Idaho is a really awesome state. You may or may not notice the altitude (not to say I wouldn't be trying to get in shape) depending on your body and also where you are hunting. I have found I start to notice altitudde around 7-8000', but not until above 10,000 do I really notice getting winded way easier. The highest peaks in the area are just over 10,000 if I remember correctly, so the valleys and lower parts of the watersheds are not going to be too bad as far as lack of oxygen. Drinking lots and lots and lots of water on my way out has always helped me avoid the altitude headache. And drink plenty when you are there (more than normal) because of the dry climate.
There is lots of history and geology in that area of Idaho. The southern boundry of 21 is the main salmon river. The middle fork of the salmon dumps into the main salmon from the south just as it leaves the "impassible canyon". The "river road" runs along the main salmon until it dead ends towards the western edge of 21 at Corn Creek. This is the beginning of the 100 or so mile "river of no return" trip on the main salmon across the state. Heck, if you have the time to drive down "river road" to corn creek or to the north over lolo pass along the lochsa river or into the selway area via west fork road from Montana don't hesitate.
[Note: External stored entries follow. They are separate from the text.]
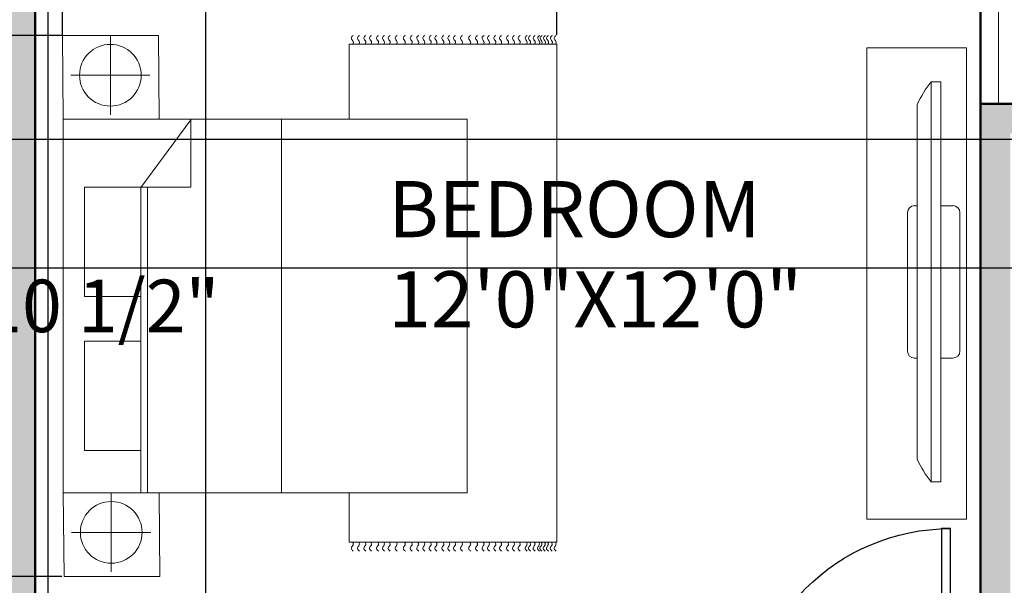
# Model space of a CAD drawing. Units: inches. Extents: x 22042254 to 25404563, y 17568978 to 17626777.
# Tile 40 of 45: x 22179790 to 22179940, y 17626607 to 17626694. Entities that reach past the tile are written whole.
import ezdxf

# ---------------------------------------------------------------- set-up
doc = ezdxf.new("R2010")
doc.units = ezdxf.units.IN
doc.header["$MEASUREMENT"] = 0
for name, color, linetype, lineweight in [('A-ANNO-DIMS', 2, 'Continuous', 18), ('A-AREA-IDEN', 7, 'Continuous', 18), ('A-FLOR-OPEN', 252, 'Continuous', 18), ('A-WALL-PATT', 244, 'Continuous', 13), ('doors', 4, 'Continuous', 25), ('furniture', 8, 'Continuous', 18), ('walls', 252, 'Continuous', 50)]:
    doc.layers.add(name, color=color, linetype=linetype, lineweight=lineweight)
doc.styles.get("Standard").update_dxf_attribs({"font": 'arial.ttf'})
doc.dimstyles.get("Standard").update_dxf_attribs({"dimtxt": 8, "dimasz": 0.18, "dimexe": 0.18, "dimexo": 0.0625, "dimgap": 0.09, "dimtad": 0, "dimtih": 1, "dimtoh": 1, "dimzin": 0, "dimdsep": 46, "dimlunit": 3, "dimtxsty": 'Standard', "dimcen": 0.09, "dimadec": 0, "dimazin": 0, "dimtfac": 1, "dimtofl": 0, "dimtmove": 0, "dimatfit": 3, "dimfxl": 1, "dimtolj": 1, "dimtzin": 0, "dimarcsym": 0})

# ---------------------------------------------------------------- blocks, each defined once
blk = doc.blocks.new('CARPET')
at = {"layer": 'furniture'}
for p, q in [((-51.53, -98.11), (-51.53, -55.12)), ((-51.53, -55.12), (-41.27, -55.12)), ((36, -55.12), (51.55, -55.12)), ((51.55, -55.12), (51.55, -98.11)), ((51.55, -98.11), (-51.53, -98.11))]:
    blk.add_line(p, q, dxfattribs=at)
for points, knots in [([(-53.37, -55.99), (-53.22, -55.8), (-52.9, -55.41), (-52.34, -55.8), (-51.89, -56.08), (-51.65, -55.91), (-51.53, -55.83)], [0, 0, 0, 0, 0.653278, 1.290138, 1.740457, 2.114451, 2.114451, 2.114451, 2.114451]), ([(-53.37, -57.26), (-53.22, -57.07), (-52.9, -56.67), (-52.34, -57.07), (-51.89, -57.35), (-51.65, -57.17), (-51.53, -57.1)], [0, 0, 0, 0, 0.653278, 1.290138, 1.740457, 2.114451, 2.114451, 2.114451, 2.114451]), ([(53.37, -55.99), (53.22, -55.8), (52.9, -55.41), (52.34, -55.8), (51.89, -56.08), (51.65, -55.91), (51.53, -55.83)], [0, 0, 0, 0, 0.653278, 1.290138, 1.740457, 2.114451, 2.114451, 2.114451, 2.114451]), ([(53.37, -57.26), (53.22, -57.07), (52.9, -56.67), (52.34, -57.07), (51.89, -57.35), (51.65, -57.17), (51.53, -57.1)], [0, 0, 0, 0, 0.653278, 1.290138, 1.740457, 2.114451, 2.114451, 2.114451, 2.114451]), ([(-53.37, -58.59), (-53.22, -58.4), (-52.9, -58.01), (-52.34, -58.4), (-51.89, -58.68), (-51.65, -58.5), (-51.53, -58.43)], [0, 0, 0, 0, 0.653278, 1.290138, 1.740457, 2.114451, 2.114451, 2.114451, 2.114451]), ([(53.37, -58.59), (53.22, -58.4), (52.9, -58.01), (52.34, -58.4), (51.89, -58.68), (51.65, -58.5), (51.53, -58.43)], [0, 0, 0, 0, 0.653278, 1.290138, 1.740457, 2.114451, 2.114451, 2.114451, 2.114451]), ([(-53.37, -59.78), (-53.22, -59.58), (-52.9, -59.19), (-52.34, -59.58), (-51.89, -59.86), (-51.65, -59.69), (-51.53, -59.61)], [0, 0, 0, 0, 0.653278, 1.290138, 1.740457, 2.114451, 2.114451, 2.114451, 2.114451]), ([(-53.37, -61.22), (-53.22, -61.02), (-52.9, -60.63), (-52.34, -61.02), (-51.89, -61.3), (-51.65, -61.13), (-51.53, -61.05)], [0, 0, 0, 0, 0.653278, 1.290138, 1.740457, 2.114451, 2.114451, 2.114451, 2.114451]), ([(53.37, -59.78), (53.22, -59.58), (52.9, -59.19), (52.34, -59.58), (51.89, -59.86), (51.65, -59.69), (51.53, -59.61)], [0, 0, 0, 0, 0.653278, 1.290138, 1.740457, 2.114451, 2.114451, 2.114451, 2.114451]), ([(53.37, -61.22), (53.22, -61.02), (52.9, -60.63), (52.34, -61.02), (51.89, -61.3), (51.65, -61.13), (51.53, -61.05)], [0, 0, 0, 0, 0.653278, 1.290138, 1.740457, 2.114451, 2.114451, 2.114451, 2.114451]), ([(-53.37, -62.44), (-53.22, -62.25), (-52.9, -61.86), (-52.34, -62.25), (-51.89, -62.53), (-51.65, -62.36), (-51.53, -62.28)], [0, 0, 0, 0, 0.653278, 1.290138, 1.740457, 2.114451, 2.114451, 2.114451, 2.114451]), ([(-53.37, -63.63), (-53.22, -63.43), (-52.9, -63.04), (-52.34, -63.43), (-51.89, -63.72), (-51.65, -63.54), (-51.53, -63.46)], [0, 0, 0, 0, 0.653278, 1.290138, 1.740457, 2.114451, 2.114451, 2.114451, 2.114451]), ([(53.37, -62.44), (53.22, -62.25), (52.9, -61.86), (52.34, -62.25), (51.89, -62.53), (51.65, -62.36), (51.53, -62.28)], [0, 0, 0, 0, 0.653278, 1.290138, 1.740457, 2.114451, 2.114451, 2.114451, 2.114451]), ([(53.37, -63.63), (53.22, -63.43), (52.9, -63.04), (52.34, -63.43), (51.89, -63.72), (51.65, -63.54), (51.53, -63.46)], [0, 0, 0, 0, 0.653278, 1.290138, 1.740457, 2.114451, 2.114451, 2.114451, 2.114451]), ([(-53.37, -65.07), (-53.22, -64.87), (-52.9, -64.48), (-52.34, -64.87), (-51.89, -65.15), (-51.65, -64.98), (-51.53, -64.9)], [0, 0, 0, 0, 0.653278, 1.290138, 1.740457, 2.114451, 2.114451, 2.114451, 2.114451]), ([(53.37, -65.07), (53.22, -64.87), (52.9, -64.48), (52.34, -64.87), (51.89, -65.15), (51.65, -64.98), (51.53, -64.9)], [0, 0, 0, 0, 0.653278, 1.290138, 1.740457, 2.114451, 2.114451, 2.114451, 2.114451]), ([(-53.37, -66.76), (-53.22, -66.56), (-52.9, -66.17), (-52.34, -66.56), (-51.89, -66.84), (-51.65, -66.67), (-51.53, -66.59)], [0, 0, 0, 0, 0.653278, 1.290138, 1.740457, 2.114451, 2.114451, 2.114451, 2.114451]), ([(53.37, -66.76), (53.22, -66.56), (52.9, -66.17), (52.34, -66.56), (51.89, -66.84), (51.65, -66.67), (51.53, -66.59)], [0, 0, 0, 0, 0.653278, 1.290138, 1.740457, 2.114451, 2.114451, 2.114451, 2.114451]), ([(-53.37, -68.2), (-53.22, -68), (-52.9, -67.61), (-52.34, -68), (-51.89, -68.28), (-51.65, -68.11), (-51.53, -68.03)], [0, 0, 0, 0, 0.653278, 1.290138, 1.740457, 2.114451, 2.114451, 2.114451, 2.114451]), ([(-53.37, -69.53), (-53.22, -69.33), (-52.9, -68.94), (-52.34, -69.33), (-51.89, -69.61), (-51.65, -69.44), (-51.53, -69.36)], [0, 0, 0, 0, 0.653278, 1.290138, 1.740457, 2.114451, 2.114451, 2.114451, 2.114451]), ([(53.37, -68.2), (53.22, -68), (52.9, -67.61), (52.34, -68), (51.89, -68.28), (51.65, -68.11), (51.53, -68.03)], [0, 0, 0, 0, 0.653278, 1.290138, 1.740457, 2.114451, 2.114451, 2.114451, 2.114451]), ([(53.37, -69.53), (53.22, -69.33), (52.9, -68.94), (52.34, -69.33), (51.89, -69.61), (51.65, -69.44), (51.53, -69.36)], [0, 0, 0, 0, 0.653278, 1.290138, 1.740457, 2.114451, 2.114451, 2.114451, 2.114451]), ([(-53.37, -70.79), (-53.22, -70.6), (-52.9, -70.21), (-52.34, -70.6), (-51.89, -70.88), (-51.65, -70.7), (-51.53, -70.63)], [0, 0, 0, 0, 0.653278, 1.290138, 1.740457, 2.114451, 2.114451, 2.114451, 2.114451]), ([(53.37, -70.79), (53.22, -70.6), (52.9, -70.21), (52.34, -70.6), (51.89, -70.88), (51.65, -70.7), (51.53, -70.63)], [0, 0, 0, 0, 0.653278, 1.290138, 1.740457, 2.114451, 2.114451, 2.114451, 2.114451]), ([(-53.37, -72.12), (-53.22, -71.93), (-52.9, -71.54), (-52.34, -71.93), (-51.89, -72.21), (-51.65, -72.04), (-51.53, -71.96)], [0, 0, 0, 0, 0.653278, 1.290138, 1.740457, 2.114451, 2.114451, 2.114451, 2.114451]), ([(-53.37, -73.31), (-53.22, -73.11), (-52.9, -72.72), (-52.34, -73.11), (-51.89, -73.4), (-51.65, -73.22), (-51.53, -73.14)], [0, 0, 0, 0, 0.653278, 1.290138, 1.740457, 2.114451, 2.114451, 2.114451, 2.114451]), ([(53.37, -72.12), (53.22, -71.93), (52.9, -71.54), (52.34, -71.93), (51.89, -72.21), (51.65, -72.04), (51.53, -71.96)], [0, 0, 0, 0, 0.653278, 1.290138, 1.740457, 2.114451, 2.114451, 2.114451, 2.114451]), ([(53.37, -73.31), (53.22, -73.11), (52.9, -72.72), (52.34, -73.11), (51.89, -73.4), (51.65, -73.22), (51.53, -73.14)], [0, 0, 0, 0, 0.653278, 1.290138, 1.740457, 2.114451, 2.114451, 2.114451, 2.114451]), ([(-53.37, -74.75), (-53.22, -74.55), (-52.9, -74.16), (-52.34, -74.55), (-51.89, -74.83), (-51.65, -74.66), (-51.53, -74.58)], [0, 0, 0, 0, 0.653278, 1.290138, 1.740457, 2.114451, 2.114451, 2.114451, 2.114451]), ([(53.37, -74.75), (53.22, -74.55), (52.9, -74.16), (52.34, -74.55), (51.89, -74.83), (51.65, -74.66), (51.53, -74.58)], [0, 0, 0, 0, 0.653278, 1.290138, 1.740457, 2.114451, 2.114451, 2.114451, 2.114451]), ([(-53.37, -75.98), (-53.22, -75.78), (-52.9, -75.39), (-52.34, -75.78), (-51.89, -76.06), (-51.65, -75.89), (-51.53, -75.81)], [0, 0, 0, 0, 0.653278, 1.290138, 1.740457, 2.114451, 2.114451, 2.114451, 2.114451]), ([(-53.37, -77.16), (-53.22, -76.96), (-52.9, -76.57), (-52.34, -76.96), (-51.89, -77.25), (-51.65, -77.07), (-51.53, -76.99)], [0, 0, 0, 0, 0.653278, 1.290138, 1.740457, 2.114451, 2.114451, 2.114451, 2.114451]), ([(53.37, -75.98), (53.22, -75.78), (52.9, -75.39), (52.34, -75.78), (51.89, -76.06), (51.65, -75.89), (51.53, -75.81)], [0, 0, 0, 0, 0.653278, 1.290138, 1.740457, 2.114451, 2.114451, 2.114451, 2.114451]), ([(53.37, -77.16), (53.22, -76.96), (52.9, -76.57), (52.34, -76.96), (51.89, -77.25), (51.65, -77.07), (51.53, -76.99)], [0, 0, 0, 0, 0.653278, 1.290138, 1.740457, 2.114451, 2.114451, 2.114451, 2.114451]), ([(-53.37, -78.6), (-53.22, -78.4), (-52.9, -78.01), (-52.34, -78.4), (-51.89, -78.68), (-51.65, -78.51), (-51.53, -78.43)], [0, 0, 0, 0, 0.653278, 1.290138, 1.740457, 2.114451, 2.114451, 2.114451, 2.114451]), ([(53.37, -78.6), (53.22, -78.4), (52.9, -78.01), (52.34, -78.4), (51.89, -78.68), (51.65, -78.51), (51.53, -78.43)], [0, 0, 0, 0, 0.653278, 1.290138, 1.740457, 2.114451, 2.114451, 2.114451, 2.114451]), ([(-53.37, -80.29), (-53.22, -80.09), (-52.9, -79.7), (-52.34, -80.09), (-51.89, -80.37), (-51.65, -80.2), (-51.53, -80.12)], [0, 0, 0, 0, 0.653278, 1.290138, 1.740457, 2.114451, 2.114451, 2.114451, 2.114451]), ([(-53.37, -81.73), (-53.22, -81.53), (-52.9, -81.14), (-52.34, -81.53), (-51.89, -81.81), (-51.65, -81.64), (-51.53, -81.56)], [0, 0, 0, 0, 0.653278, 1.290138, 1.740457, 2.114451, 2.114451, 2.114451, 2.114451]), ([(53.37, -80.29), (53.22, -80.09), (52.9, -79.7), (52.34, -80.09), (51.89, -80.37), (51.65, -80.2), (51.53, -80.12)], [0, 0, 0, 0, 0.653278, 1.290138, 1.740457, 2.114451, 2.114451, 2.114451, 2.114451]), ([(53.37, -81.73), (53.22, -81.53), (52.9, -81.14), (52.34, -81.53), (51.89, -81.81), (51.65, -81.64), (51.53, -81.56)], [0, 0, 0, 0, 0.653278, 1.290138, 1.740457, 2.114451, 2.114451, 2.114451, 2.114451]), ([(-53.37, -83.06), (-53.22, -82.86), (-52.9, -82.47), (-52.34, -82.86), (-51.89, -83.14), (-51.65, -82.97), (-51.53, -82.89)], [0, 0, 0, 0, 0.653278, 1.290138, 1.740457, 2.114451, 2.114451, 2.114451, 2.114451]), ([(53.37, -83.06), (53.22, -82.86), (52.9, -82.47), (52.34, -82.86), (51.89, -83.14), (51.65, -82.97), (51.53, -82.89)], [0, 0, 0, 0, 0.653278, 1.290138, 1.740457, 2.114451, 2.114451, 2.114451, 2.114451]), ([(-53.37, -84.18), (-53.22, -83.99), (-52.9, -83.6), (-52.34, -83.99), (-51.89, -84.27), (-51.65, -84.09), (-51.53, -84.02)], [0, 0, 0, 0, 0.653278, 1.290138, 1.740457, 2.114451, 2.114451, 2.114451, 2.114451]), ([(-53.37, -85.51), (-53.22, -85.32), (-52.9, -84.93), (-52.34, -85.32), (-51.89, -85.6), (-51.65, -85.42), (-51.53, -85.35)], [0, 0, 0, 0, 0.653278, 1.290138, 1.740457, 2.114451, 2.114451, 2.114451, 2.114451]), ([(53.37, -84.18), (53.22, -83.99), (52.9, -83.6), (52.34, -83.99), (51.89, -84.27), (51.65, -84.09), (51.53, -84.02)], [0, 0, 0, 0, 0.653278, 1.290138, 1.740457, 2.114451, 2.114451, 2.114451, 2.114451]), ([(53.37, -85.51), (53.22, -85.32), (52.9, -84.93), (52.34, -85.32), (51.89, -85.6), (51.65, -85.42), (51.53, -85.35)], [0, 0, 0, 0, 0.653278, 1.290138, 1.740457, 2.114451, 2.114451, 2.114451, 2.114451]), ([(-53.37, -86.7), (-53.22, -86.5), (-52.9, -86.11), (-52.34, -86.5), (-51.89, -86.78), (-51.65, -86.61), (-51.53, -86.53)], [0, 0, 0, 0, 0.653278, 1.290138, 1.740457, 2.114451, 2.114451, 2.114451, 2.114451]), ([(53.37, -86.7), (53.22, -86.5), (52.9, -86.11), (52.34, -86.5), (51.89, -86.78), (51.65, -86.61), (51.53, -86.53)], [0, 0, 0, 0, 0.653278, 1.290138, 1.740457, 2.114451, 2.114451, 2.114451, 2.114451]), ([(-53.37, -88.14), (-53.22, -87.94), (-52.9, -87.55), (-52.34, -87.94), (-51.89, -88.22), (-51.65, -88.05), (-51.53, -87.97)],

Tons of good car camping in Idaho. I have been fortunate and organized private raft trips on the South and Middle Forks, along with the main salmon and selway rivers.
Here is a primer to the area: http://www.fs.usda.gov/Internet/FSE_DOCUMENTS/stelprdb5300616.pdf
I would try to have an idea of the general lay of the land the outfitter hunts. Idaho has a similar mapping app as we do here: http://fishandgame.idaho.gov/ifwis/huntplanner/mapcenter/?layerid=0&lbl=Unit+21&val=199
If your outfitter is located on the main salmon and you have an opportunity to get on a jet boat don't pass it up. Same goes for airplane. Tons of little dirt landing strips in Idaho. I've had to hire both in the past as driving to our destination was just not possible or economical.
The town of Salmon has a small "real" airport and Salmon Air used to run once daily flights from both Boise and Missoula if I remember correctly. Gives another option for those who may need to leave early or arrive late. Book those flights early if you can, I would think rifle season is a popular travel time in that area.
Have Fun!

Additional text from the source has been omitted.